Economy

List of Shame: Kambi slips free, Kamau still headed to court

It’s official: Transport secretary Michael Kamau will appear in court to answer to abuse of office charges relating to a road design tender.

His counterparts Kazungu Kambi (Labour), Charity Ngilu (Lands) and Felix Koskei (Agriculture) have emerged unscathed after their first brush with the Ethics and Anti-Corruption Commission’s ‘List of Shame’ investigations.

The Director of Public Prosecutions on Thursday revealed he had accepted the EACC’s recommendations to prosecute Kamau, close the file on Ngilu and turn Koskei into a witness against other suspects.

He, however, rejected a recommendation to charge Kambi over two irregular appointments saying he was not satisfied with the evidence.

EACC’s recommendations on Nairobi Senator Mike Sonko over an incident at the Mtwapa weighbridge in Kilifi county were also accepted by the DPP’s office.

Mr Kamau is accused of colluding in the irregular trashing of the Kamukuywa-Kaptama-Kapsokwony-Kimilili road design “leading to massive embezzlement of funds”. He is also under investigation for allegedly illegally contracting a local firm to handle cargo belonging to the Chinese firm contracted to build the standard gauge railway, and directing billions of shillings of SGR-related consultancy work to a firm linked to him.

Mr Kambi had been accused of irregularly appointing two individuals — Andrew Muigai and Veska Kangongo — as members of the NSSF board of trustees. He is, however, also under investigation for alleged involvement in corruption deals at the National Social Security Fund related to the Tassia Phase II project.

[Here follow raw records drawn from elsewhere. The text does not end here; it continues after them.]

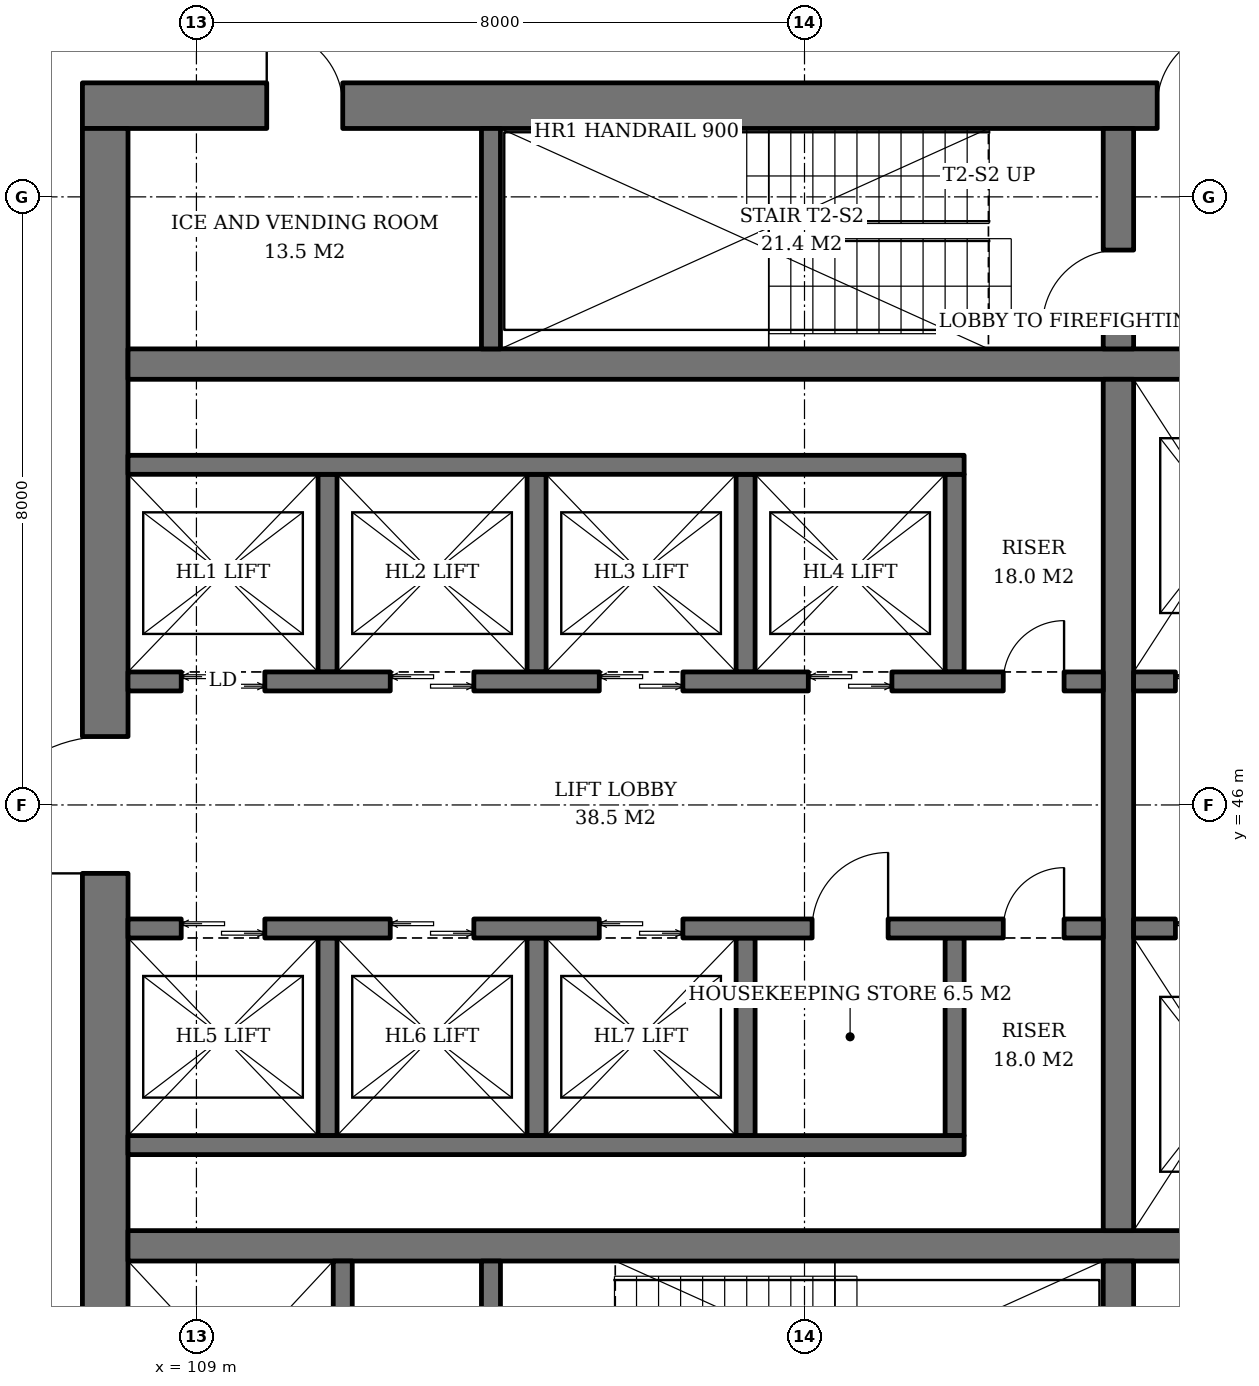
"""IFC4 building model, lengths in metres.
Left out: names, types, materials, properties, quantities, classifications, styles, units other than length and angle.
Written with IfcOpenShell. Run it as: python <this file> out.ifc"""

import sys

from ifc_helpers import new_model, si_unit, direction, frame, frame_2d, origin, place, context, subcontext, project, spatial, rectangle, extrude, element, fill, save


model = new_model("IFC4")
c1 = context("Model", 3, precision=1e-05, world=origin(), true_north=direction((0.0, 1.0)))
c2 = subcontext(c1, "Body", "Model", "MODEL_VIEW")
j1 = project(units=[si_unit("LENGTHUNIT", "METRE"), si_unit("PLANEANGLEUNIT", "RADIAN")], contexts=[c1])
p1 = place(None, origin())
s1 = spatial("IfcSite", under=j1, at=p1, CompositionType="ELEMENT")
p2 = place(p1, origin())
s2 = spatial("IfcBuilding", under=s1, at=p2, CompositionType="ELEMENT")
p3 = place(p2, frame((0.0, 0.0, 43.8)))
s3 = spatial("IfcBuildingStorey", under=s2, at=p3, CompositionType="ELEMENT", Elevation=43.8)
p4 = place(p3, frame((107.5, 55.2, 0.0), z_axis=(0.0, 0.0, 1.0), x_axis=(1.0, 0.0, 0.0)))
e1 = element("IfcWall", 1, at=p4, inside=s3, PredefinedType="SHEAR", context=c2, shape_type="SweptSolid", body=[
    extrude(rectangle(XDim=19.0, YDim=0.6, at=frame_2d((9.5, 0.0))), origin(), (0.0, 0.0, 1.0), 3.8),
])
p5 = place(p4, frame((14.14, 0.0, 0.0)))
e2 = element("IfcOpeningElement", 2, at=p5, cuts=e1, PredefinedType="OPENING", context=c2, shape_type="SweptSolid", body=[
    extrude(rectangle(XDim=1.0, YDim=2.1, at=frame_2d((0.5, 1.05))), frame((0.0, 0.31, 0.0), z_axis=(0.0, -1.0, 0.0), x_axis=(1.0, 0.0, 0.0)), (0.0, 0.0, 1.0), 0.62),
])
p6 = place(p4, frame((2.425, 0.0, 0.0)))
e3 = element("IfcOpeningElement", 3, at=p6, cuts=e1, PredefinedType="OPENING", context=c2, shape_type="SweptSolid", body=[
    extrude(rectangle(XDim=1.0, YDim=2.1, at=frame_2d((0.5, 1.05))), frame((0.0, 0.31, 0.0), z_axis=(0.0, -1.0, 0.0), x_axis=(1.0, 0.0, 0.0)), (0.0, 0.0, 1.0), 0.62),
])
p7 = place(p3, frame((107.8, 37.1, 0.0), z_axis=(0.0, 0.0, 1.0), x_axis=(0.0, 1.0, 0.0)))
e4 = element("IfcWall", 4, at=p7, inside=s3, PredefinedType="SHEAR", context=c2, shape_type="SweptSolid", body=[
    extrude(rectangle(XDim=17.8, YDim=0.6, at=frame_2d((8.9, 0.0))), origin(), (0.0, 0.0, 1.0), 3.8),
])
p8 = place(p7, frame((8.0, 0.0, 0.0)))
e5 = element("IfcOpeningElement", 5, at=p8, cuts=e4, PredefinedType="OPENING", context=c2, shape_type="SweptSolid", body=[
    extrude(rectangle(XDim=1.8, YDim=2.4, at=frame_2d((0.9, 1.2))), frame((0.0, 0.31, 0.0), z_axis=(0.0, -1.0, 0.0), x_axis=(1.0, 0.0, 0.0)), (0.0, 0.0, 1.0), 0.62),
])
for number, where, z_axis, x_axis in (
    (6, (108.1, 40.2, 0.0), (0.0, 0.0, 1.0), (1.0, 0.0, 0.0)),
    (7, (108.1, 51.8, 0.0), (0.0, 0.0, 1.0), (1.0, 0.0, 0.0)),
):
    element("IfcWall", number, at=place(p3, frame(where, z_axis=z_axis, x_axis=x_axis)), inside=s3, PredefinedType="SHEAR", context=c2, shape_type="SweptSolid", body=[
        extrude(rectangle(XDim=17.8, YDim=0.4, at=frame_2d((8.9, 0.0))), origin(), (0.0, 0.0, 1.0), 3.8),
    ])
p9 = place(p3, frame((121.13, 37.1, 0.0), z_axis=(0.0, 0.0, 1.0), x_axis=(0.0, 1.0, 0.0)))
e8 = element("IfcWall", 8, at=p9, inside=s3, PredefinedType="SHEAR", context=c2, shape_type="SweptSolid", body=[
    extrude(rectangle(XDim=2.9, YDim=0.4, at=frame_2d((1.45, 0.0))), origin(), (0.0, 0.0, 1.0), 3.8),
])
p10 = place(p3, frame((121.13, 40.4, 0.0), z_axis=(0.0, 0.0, 1.0), x_axis=(0.0, 1.0, 0.0)))
e9 = element("IfcWall", 9, at=p10, inside=s3, PredefinedType="SHEAR", context=c2, shape_type="SweptSolid", body=[
    extrude(rectangle(XDim=11.2, YDim=0.4, at=frame_2d((5.6, 0.0))), origin(), (0.0, 0.0, 1.0), 3.8),
])
p11 = place(p3, frame((121.13, 52.0, 0.0), z_axis=(0.0, 0.0, 1.0), x_axis=(0.0, 1.0, 0.0)))
e10 = element("IfcWall", 10, at=p11, inside=s3, PredefinedType="SHEAR", context=c2, shape_type="SweptSolid", body=[
    extrude(rectangle(XDim=2.9, YDim=0.4, at=frame_2d((1.45, 0.0))), origin(), (0.0, 0.0, 1.0), 3.8),
])
p12 = place(p11, frame((0.3, 0.0, 0.0)))
e11 = element("IfcOpeningElement", 11, at=p12, cuts=e10, PredefinedType="OPENING", context=c2, shape_type="SweptSolid", body=[
    extrude(rectangle(XDim=1.0, YDim=2.1, at=frame_2d((0.5, 1.05))), frame((0.0, 0.21, 0.0), z_axis=(0.0, -1.0, 0.0), x_axis=(1.0, 0.0, 0.0)), (0.0, 0.0, 1.0), 0.42),
])
p13 = place(p3, frame((110.925, 37.1, 0.0), z_axis=(0.0, 0.0, 1.0), x_axis=(0.0, 1.0, 0.0)))
e12 = element("IfcWall", 12, at=p13, inside=s3, PredefinedType="SHEAR", context=c2, shape_type="SweptSolid", body=[
    extrude(rectangle(XDim=2.9, YDim=0.25, at=frame_2d((1.45, 0.0))), origin(), (0.0, 0.0, 1.0), 3.8),
])
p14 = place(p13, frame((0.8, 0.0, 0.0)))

Mrs Ngilu was alleged to have colluded with Mr Evanson Waitiki, a Likoni landowner plagued by squatters, to inflate the market price of his farm by Sh110 million ahead of a sale to the government. She is also accused of scheming to drive a landowner off a parcel of land near State House, Nairobi.

Mr Koskei was accused of renting government land in Tigoni from the Kenya Veterinary Vaccines Production Institute to plant potatoes. He will testify against two KEVEVAPI officials — the managing director and the head of supply chain management — responsible for the 100-acre potato farm.

Investigators are still looking into claims he secretly allocated sugar import permits, demanded bribes from parastatal heads and intimidated those who resisted.